Authors: The synthetic training distribution was constructed to span a wide variety of graph families, functional forms, noise models, and dataset shapes precisely to support generalization. While §3.2 describes these choices, we recognize that it lacks explicit coverage diagnostics or targeted ablations for properties such as hidden confounding and non-additive mechanisms. We will revise §3.2 to include a more detailed discussion of how the ensemble addresses these aspects, supported by citations to the empirical results on semi-synthetic and real datasets that serve as the primary evidence of transfer.

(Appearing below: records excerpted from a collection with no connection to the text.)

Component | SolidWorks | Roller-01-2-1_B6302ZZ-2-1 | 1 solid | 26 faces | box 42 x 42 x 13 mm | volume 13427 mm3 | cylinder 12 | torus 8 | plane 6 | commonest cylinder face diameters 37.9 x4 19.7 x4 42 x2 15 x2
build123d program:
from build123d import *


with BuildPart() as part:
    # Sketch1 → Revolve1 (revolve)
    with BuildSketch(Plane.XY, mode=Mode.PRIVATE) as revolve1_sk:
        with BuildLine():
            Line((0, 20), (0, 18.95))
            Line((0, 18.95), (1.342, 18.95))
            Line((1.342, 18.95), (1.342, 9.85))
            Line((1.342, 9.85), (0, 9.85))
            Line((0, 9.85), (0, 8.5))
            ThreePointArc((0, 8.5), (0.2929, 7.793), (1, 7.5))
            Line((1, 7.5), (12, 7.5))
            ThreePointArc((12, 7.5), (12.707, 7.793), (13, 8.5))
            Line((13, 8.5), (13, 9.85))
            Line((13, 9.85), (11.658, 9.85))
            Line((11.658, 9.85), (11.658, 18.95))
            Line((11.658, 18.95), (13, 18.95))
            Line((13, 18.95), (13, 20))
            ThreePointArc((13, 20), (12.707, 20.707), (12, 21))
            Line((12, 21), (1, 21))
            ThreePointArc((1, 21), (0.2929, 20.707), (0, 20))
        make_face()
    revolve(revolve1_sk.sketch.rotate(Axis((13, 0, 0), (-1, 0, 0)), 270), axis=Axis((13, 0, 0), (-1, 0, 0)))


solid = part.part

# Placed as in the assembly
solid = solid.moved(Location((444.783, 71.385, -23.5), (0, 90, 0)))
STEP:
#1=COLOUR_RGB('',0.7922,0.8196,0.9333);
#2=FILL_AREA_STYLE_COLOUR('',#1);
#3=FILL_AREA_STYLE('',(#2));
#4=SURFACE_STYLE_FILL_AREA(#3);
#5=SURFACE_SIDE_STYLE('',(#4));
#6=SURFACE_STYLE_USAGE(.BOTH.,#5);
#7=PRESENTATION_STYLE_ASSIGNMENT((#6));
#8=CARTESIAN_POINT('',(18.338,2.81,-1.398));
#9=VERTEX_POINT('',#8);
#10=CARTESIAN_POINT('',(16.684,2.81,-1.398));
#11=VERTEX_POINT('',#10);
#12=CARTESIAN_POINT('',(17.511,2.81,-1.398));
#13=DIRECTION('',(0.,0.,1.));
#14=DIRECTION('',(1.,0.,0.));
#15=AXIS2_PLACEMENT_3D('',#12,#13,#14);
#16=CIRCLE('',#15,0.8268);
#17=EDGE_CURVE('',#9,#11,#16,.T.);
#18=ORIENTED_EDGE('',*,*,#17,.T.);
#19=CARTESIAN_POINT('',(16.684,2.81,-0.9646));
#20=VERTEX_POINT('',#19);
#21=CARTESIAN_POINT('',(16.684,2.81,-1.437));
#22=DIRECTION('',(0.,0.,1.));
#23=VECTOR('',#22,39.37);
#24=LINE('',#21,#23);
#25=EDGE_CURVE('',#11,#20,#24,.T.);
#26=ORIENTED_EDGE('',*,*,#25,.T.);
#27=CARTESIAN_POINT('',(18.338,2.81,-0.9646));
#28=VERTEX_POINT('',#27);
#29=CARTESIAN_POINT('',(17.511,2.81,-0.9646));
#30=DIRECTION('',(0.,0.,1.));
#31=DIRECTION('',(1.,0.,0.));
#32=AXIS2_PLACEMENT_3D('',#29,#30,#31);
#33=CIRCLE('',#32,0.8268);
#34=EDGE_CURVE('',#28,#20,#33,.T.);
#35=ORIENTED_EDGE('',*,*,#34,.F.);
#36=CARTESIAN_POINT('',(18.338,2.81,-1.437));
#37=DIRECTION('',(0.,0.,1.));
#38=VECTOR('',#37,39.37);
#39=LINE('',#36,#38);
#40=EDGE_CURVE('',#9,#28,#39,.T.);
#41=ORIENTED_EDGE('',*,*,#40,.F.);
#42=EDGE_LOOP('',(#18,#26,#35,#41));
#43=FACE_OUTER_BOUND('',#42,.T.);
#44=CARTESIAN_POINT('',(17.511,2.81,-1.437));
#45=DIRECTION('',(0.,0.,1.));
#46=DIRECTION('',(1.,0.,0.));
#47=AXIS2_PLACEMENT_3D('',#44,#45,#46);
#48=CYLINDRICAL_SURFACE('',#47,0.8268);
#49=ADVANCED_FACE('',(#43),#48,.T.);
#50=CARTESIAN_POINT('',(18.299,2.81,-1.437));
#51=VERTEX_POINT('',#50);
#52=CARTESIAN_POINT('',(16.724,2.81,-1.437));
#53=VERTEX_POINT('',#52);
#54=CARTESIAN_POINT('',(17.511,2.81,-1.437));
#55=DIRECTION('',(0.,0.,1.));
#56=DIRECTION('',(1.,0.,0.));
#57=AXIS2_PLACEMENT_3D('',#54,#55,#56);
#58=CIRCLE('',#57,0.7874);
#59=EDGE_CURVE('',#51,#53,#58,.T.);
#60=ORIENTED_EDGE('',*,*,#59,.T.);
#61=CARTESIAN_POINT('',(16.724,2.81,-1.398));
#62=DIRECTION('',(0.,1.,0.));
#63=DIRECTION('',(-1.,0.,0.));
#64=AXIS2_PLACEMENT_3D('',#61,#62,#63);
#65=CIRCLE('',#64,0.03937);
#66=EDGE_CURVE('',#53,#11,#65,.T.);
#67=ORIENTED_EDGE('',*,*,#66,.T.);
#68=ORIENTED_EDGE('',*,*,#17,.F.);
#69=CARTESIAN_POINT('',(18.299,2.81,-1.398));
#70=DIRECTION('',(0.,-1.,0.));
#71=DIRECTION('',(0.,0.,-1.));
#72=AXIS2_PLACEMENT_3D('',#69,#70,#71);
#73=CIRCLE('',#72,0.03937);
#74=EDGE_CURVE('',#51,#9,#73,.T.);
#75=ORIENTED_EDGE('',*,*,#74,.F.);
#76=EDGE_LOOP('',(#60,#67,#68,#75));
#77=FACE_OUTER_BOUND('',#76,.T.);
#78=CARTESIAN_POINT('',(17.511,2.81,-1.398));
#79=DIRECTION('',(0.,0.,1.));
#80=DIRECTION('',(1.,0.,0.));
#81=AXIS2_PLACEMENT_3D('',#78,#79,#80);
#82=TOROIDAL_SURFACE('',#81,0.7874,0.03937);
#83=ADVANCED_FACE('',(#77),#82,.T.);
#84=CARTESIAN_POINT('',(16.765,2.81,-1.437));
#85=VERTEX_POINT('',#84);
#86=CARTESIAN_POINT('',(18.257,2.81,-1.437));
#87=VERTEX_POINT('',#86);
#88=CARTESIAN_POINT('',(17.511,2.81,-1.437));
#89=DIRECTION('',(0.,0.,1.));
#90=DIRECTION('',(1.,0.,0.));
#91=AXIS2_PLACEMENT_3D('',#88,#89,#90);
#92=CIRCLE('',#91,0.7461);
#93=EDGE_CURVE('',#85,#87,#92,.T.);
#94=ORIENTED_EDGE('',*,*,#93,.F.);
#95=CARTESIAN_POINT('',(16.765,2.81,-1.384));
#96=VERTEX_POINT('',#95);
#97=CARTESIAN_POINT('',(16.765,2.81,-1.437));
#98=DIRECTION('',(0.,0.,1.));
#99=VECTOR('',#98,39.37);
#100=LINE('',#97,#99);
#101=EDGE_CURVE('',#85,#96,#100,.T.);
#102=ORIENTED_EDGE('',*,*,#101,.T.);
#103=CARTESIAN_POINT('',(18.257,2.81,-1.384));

We will not introduce entirely new large-scale ablations if they fall outside the scope of a revision. revision: partial
Circularity Check
No significant circularity; supervised training and external evaluation are independent of inputs
full rationale
The paper trains a transformer model in supervised fashion on synthetic datasets that include ground-truth graphs, using a composite likelihood derived from the skeleton-order factorization. This factorization guarantees acyclicity by construction as an architectural choice, but the reported performance claims (matching or outperforming baselines on held-out synthetic, semi-synthetic, and real datasets) are measured against external methods and data, not derived tautologically from the training inputs or fitted parameters. No load-bearing self-citations, ansatzes smuggled via prior work, or predictions that reduce to the model's own definitions are present in the abstract or described methodology. The zero-shot generalization to real data is an empirical result, not a self-referential derivation.
Axiom & Free-Parameter Ledger
free parameters (2)
- Transformer architecture hyperparameters
- Composite likelihood weighting
axioms (2)
- standard math Any DAG can be exactly represented by an undirected skeleton plus a topological order.
- domain assumption The synthetic data generator spans the relevant characteristics of real observational data.